How does a video codec work? - dreampeppers99
https://github.com/leandromoreira/digital_video_introduction#how-does-a-video-codec-work
======
userbinator
If you're interested in more "hands on" or practical video codec learning, I
recommend writing a H.261 decoder. Only two supported frame sizes, no
B-frames, and no intra prediction (effectively a subset of JPEG) make for a
simple yet possibly quite rewarding weekend project that can be completed in
around 700 lines of C (my attempt).
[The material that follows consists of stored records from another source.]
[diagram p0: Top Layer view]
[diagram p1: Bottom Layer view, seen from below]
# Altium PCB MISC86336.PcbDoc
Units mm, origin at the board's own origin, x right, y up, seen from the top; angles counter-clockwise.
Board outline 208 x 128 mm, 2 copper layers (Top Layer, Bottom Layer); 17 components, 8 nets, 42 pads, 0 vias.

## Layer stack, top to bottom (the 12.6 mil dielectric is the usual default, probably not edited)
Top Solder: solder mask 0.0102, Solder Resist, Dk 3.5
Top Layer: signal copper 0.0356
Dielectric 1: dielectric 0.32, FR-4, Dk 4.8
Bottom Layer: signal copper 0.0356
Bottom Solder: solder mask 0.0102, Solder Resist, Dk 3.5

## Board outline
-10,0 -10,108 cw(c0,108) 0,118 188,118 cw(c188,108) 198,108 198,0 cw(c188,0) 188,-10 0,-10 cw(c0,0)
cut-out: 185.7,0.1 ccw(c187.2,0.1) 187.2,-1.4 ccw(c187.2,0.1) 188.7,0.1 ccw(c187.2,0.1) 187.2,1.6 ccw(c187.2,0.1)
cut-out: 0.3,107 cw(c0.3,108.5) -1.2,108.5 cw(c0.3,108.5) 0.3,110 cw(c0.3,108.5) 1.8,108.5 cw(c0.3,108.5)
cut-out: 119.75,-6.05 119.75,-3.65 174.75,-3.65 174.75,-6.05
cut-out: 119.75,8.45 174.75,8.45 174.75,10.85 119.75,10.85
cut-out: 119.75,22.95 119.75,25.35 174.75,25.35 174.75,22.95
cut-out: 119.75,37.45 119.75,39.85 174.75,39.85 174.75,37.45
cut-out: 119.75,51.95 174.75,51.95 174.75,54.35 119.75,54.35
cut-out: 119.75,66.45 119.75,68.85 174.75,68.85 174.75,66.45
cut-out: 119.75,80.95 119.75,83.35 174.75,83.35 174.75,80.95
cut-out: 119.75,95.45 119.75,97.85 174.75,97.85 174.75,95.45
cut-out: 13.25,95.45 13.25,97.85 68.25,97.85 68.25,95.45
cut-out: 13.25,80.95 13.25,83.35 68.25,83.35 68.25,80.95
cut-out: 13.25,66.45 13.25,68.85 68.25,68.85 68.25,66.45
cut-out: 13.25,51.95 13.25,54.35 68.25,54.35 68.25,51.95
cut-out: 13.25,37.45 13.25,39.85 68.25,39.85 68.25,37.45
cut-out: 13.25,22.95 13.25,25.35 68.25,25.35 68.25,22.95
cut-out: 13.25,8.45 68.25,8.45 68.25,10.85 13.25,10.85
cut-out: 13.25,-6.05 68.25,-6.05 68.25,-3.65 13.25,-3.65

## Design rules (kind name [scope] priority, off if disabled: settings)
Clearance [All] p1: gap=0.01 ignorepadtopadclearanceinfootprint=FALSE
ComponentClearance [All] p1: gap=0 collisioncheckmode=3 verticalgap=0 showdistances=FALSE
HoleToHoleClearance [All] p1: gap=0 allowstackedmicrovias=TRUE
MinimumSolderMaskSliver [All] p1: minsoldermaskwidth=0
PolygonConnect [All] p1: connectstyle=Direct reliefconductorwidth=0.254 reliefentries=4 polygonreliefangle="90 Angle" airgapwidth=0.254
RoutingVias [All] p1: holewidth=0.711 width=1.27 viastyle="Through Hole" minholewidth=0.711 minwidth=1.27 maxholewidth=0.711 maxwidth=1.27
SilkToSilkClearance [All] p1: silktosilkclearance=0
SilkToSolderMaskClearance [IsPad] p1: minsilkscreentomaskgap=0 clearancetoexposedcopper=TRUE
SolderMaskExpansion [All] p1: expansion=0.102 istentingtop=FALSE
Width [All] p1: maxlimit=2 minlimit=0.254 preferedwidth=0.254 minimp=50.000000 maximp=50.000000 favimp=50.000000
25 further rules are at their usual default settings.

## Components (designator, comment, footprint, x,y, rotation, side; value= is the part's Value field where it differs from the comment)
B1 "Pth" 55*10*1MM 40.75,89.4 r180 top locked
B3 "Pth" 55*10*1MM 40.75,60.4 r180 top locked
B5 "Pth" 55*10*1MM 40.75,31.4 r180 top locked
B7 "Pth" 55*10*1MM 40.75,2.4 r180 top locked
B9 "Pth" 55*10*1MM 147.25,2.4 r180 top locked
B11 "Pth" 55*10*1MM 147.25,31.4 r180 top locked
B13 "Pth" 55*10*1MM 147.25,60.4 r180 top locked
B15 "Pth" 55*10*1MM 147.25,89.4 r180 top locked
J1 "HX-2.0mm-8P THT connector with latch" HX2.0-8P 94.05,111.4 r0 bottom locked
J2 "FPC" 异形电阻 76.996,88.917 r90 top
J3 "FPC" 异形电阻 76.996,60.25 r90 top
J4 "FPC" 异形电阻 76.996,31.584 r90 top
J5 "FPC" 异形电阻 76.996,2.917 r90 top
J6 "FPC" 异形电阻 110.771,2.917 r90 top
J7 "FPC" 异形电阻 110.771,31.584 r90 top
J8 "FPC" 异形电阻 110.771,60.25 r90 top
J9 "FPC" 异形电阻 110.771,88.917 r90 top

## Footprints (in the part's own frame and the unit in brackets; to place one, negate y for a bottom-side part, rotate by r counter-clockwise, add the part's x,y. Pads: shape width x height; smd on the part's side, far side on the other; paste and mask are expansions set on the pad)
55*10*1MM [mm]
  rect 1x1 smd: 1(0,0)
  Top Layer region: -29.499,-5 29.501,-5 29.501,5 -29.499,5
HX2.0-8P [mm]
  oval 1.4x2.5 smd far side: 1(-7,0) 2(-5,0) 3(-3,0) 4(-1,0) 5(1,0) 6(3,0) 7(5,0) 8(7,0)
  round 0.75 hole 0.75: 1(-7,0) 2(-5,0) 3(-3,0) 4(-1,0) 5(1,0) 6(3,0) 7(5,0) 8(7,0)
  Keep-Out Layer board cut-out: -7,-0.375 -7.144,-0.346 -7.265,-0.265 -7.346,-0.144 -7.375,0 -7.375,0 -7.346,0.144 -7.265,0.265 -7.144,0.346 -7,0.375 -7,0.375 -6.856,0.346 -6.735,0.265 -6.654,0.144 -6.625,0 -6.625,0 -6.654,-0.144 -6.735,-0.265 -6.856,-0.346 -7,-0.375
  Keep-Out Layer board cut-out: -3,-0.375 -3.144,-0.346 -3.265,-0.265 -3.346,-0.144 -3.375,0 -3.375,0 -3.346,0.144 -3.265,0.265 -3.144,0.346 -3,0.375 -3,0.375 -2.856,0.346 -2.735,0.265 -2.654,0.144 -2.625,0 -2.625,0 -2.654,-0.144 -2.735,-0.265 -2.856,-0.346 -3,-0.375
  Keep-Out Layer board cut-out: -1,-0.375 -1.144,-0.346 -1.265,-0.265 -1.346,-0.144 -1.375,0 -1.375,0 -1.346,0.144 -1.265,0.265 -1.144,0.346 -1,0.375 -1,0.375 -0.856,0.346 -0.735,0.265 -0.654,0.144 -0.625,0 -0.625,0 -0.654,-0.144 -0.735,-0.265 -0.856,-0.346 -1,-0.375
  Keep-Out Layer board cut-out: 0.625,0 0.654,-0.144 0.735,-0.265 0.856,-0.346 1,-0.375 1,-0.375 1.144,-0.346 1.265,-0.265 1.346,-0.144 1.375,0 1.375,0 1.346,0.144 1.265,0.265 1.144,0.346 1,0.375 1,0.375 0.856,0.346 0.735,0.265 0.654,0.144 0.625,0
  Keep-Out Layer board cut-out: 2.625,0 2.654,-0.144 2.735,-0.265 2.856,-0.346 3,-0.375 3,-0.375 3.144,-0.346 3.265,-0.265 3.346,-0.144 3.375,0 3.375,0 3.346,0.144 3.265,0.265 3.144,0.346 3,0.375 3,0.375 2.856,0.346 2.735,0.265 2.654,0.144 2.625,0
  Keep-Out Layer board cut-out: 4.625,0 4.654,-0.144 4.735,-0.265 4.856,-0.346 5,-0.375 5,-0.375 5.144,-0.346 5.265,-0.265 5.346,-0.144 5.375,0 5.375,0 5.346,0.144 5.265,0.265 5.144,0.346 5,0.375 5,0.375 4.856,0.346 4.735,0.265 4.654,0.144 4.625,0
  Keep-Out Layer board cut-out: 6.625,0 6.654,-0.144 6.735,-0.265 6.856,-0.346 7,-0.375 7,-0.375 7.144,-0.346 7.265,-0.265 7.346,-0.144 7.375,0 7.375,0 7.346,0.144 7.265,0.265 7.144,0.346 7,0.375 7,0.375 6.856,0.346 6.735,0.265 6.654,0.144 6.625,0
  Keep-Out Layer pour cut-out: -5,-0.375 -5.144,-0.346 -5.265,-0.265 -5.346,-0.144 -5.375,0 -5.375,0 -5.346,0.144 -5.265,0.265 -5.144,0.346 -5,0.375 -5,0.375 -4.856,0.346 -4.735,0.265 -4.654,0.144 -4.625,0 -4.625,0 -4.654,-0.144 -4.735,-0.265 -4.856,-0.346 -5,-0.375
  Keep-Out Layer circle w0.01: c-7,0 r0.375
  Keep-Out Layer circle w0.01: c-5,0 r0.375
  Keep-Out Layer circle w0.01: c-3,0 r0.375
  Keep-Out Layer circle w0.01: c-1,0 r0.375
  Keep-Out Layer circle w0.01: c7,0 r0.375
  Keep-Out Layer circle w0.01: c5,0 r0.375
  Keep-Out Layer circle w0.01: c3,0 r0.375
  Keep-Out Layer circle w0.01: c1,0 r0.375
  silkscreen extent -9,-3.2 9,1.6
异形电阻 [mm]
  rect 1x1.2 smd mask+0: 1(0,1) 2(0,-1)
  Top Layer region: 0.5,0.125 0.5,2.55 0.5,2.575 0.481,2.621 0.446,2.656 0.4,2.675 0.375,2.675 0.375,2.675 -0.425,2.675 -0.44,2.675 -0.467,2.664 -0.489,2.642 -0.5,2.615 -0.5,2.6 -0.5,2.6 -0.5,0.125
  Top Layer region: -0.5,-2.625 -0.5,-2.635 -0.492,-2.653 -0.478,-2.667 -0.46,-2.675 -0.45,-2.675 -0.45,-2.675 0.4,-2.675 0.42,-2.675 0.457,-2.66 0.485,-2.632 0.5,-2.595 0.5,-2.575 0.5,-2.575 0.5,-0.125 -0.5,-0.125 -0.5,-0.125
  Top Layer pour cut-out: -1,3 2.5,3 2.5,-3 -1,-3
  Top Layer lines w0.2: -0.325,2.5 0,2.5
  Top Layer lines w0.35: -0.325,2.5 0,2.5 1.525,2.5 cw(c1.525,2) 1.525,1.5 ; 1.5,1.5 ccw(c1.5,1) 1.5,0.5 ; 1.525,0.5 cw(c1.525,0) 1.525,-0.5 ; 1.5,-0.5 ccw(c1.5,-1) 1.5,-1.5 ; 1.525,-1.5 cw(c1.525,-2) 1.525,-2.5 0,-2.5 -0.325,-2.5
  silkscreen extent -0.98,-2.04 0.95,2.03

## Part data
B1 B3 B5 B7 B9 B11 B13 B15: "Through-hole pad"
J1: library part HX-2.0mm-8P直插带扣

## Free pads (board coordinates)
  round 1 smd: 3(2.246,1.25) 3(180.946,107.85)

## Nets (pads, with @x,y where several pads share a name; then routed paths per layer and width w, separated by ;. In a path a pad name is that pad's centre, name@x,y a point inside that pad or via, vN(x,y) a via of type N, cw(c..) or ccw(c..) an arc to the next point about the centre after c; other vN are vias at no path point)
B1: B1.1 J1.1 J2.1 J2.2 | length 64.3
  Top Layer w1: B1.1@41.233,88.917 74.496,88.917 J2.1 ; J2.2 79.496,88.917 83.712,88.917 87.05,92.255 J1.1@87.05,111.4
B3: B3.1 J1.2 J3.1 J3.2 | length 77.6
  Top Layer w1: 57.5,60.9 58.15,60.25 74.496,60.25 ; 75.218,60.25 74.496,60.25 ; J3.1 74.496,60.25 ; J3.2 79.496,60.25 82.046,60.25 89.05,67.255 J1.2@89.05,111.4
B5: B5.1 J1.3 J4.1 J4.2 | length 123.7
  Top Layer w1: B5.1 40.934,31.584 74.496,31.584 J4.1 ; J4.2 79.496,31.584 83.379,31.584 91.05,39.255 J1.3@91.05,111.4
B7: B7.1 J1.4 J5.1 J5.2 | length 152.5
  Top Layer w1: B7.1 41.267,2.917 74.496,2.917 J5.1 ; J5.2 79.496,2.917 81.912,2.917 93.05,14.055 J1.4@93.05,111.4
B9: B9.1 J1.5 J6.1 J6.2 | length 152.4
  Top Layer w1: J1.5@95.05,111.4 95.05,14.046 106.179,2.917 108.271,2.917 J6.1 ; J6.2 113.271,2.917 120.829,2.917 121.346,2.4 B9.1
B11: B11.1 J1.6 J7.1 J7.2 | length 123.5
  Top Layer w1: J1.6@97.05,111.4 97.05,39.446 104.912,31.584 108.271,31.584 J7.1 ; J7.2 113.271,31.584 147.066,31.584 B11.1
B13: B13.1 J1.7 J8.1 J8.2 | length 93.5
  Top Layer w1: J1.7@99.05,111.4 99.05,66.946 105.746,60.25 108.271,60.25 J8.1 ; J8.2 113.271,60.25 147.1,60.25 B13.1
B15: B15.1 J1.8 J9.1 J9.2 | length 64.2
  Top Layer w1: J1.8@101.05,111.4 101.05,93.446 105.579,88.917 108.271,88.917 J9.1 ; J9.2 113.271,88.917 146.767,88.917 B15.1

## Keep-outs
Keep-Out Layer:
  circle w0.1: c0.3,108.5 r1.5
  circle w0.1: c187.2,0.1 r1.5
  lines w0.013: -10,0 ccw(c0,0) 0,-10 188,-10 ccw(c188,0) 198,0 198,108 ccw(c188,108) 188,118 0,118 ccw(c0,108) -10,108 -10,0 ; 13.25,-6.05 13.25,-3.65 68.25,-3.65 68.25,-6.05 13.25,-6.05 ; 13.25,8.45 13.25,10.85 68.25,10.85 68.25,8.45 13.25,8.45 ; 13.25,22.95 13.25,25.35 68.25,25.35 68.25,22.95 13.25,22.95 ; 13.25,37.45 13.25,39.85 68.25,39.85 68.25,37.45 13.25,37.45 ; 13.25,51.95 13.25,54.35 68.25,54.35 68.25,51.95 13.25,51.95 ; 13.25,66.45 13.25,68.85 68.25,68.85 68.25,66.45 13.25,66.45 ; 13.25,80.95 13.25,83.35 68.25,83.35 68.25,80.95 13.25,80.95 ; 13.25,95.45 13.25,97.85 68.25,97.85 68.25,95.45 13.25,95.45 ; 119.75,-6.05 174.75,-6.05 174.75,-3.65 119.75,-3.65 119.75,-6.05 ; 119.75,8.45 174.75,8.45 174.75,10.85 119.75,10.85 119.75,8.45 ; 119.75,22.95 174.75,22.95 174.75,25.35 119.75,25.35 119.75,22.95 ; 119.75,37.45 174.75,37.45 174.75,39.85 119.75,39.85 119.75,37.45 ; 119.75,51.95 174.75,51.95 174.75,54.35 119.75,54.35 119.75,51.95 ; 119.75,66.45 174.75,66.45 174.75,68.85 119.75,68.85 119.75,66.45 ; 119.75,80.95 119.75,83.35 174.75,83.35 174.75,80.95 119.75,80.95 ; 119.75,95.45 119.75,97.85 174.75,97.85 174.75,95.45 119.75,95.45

Unfortunately not much existing media is
available in 261, but I think watching a video being decoded entirely by code
you wrote is a pretty fun experience, including all the weird and amusing
distortions you can see when debugging; and from there you can move on to
MPEG-1 with variable frame sizes and B frames (another weekend, assuming you
reuse much of the 261 exercise --- I ended up with 1k lines total to decode
MPEG-1), and that has somewhat more existing media you'll be able to watch.

Then you can try H.262/MPEG-2 and enjoy the intricacies of handling
interlacing as well as being able to decode DVDs and a lot of existing
content; and then there's H.263 which has intra prediction... I haven't gotten
past the first two largely for reasons of time and other things to play with,
but IMHO getting a basic implementation of a video decoder is not that hard
especially when you're working from a standard.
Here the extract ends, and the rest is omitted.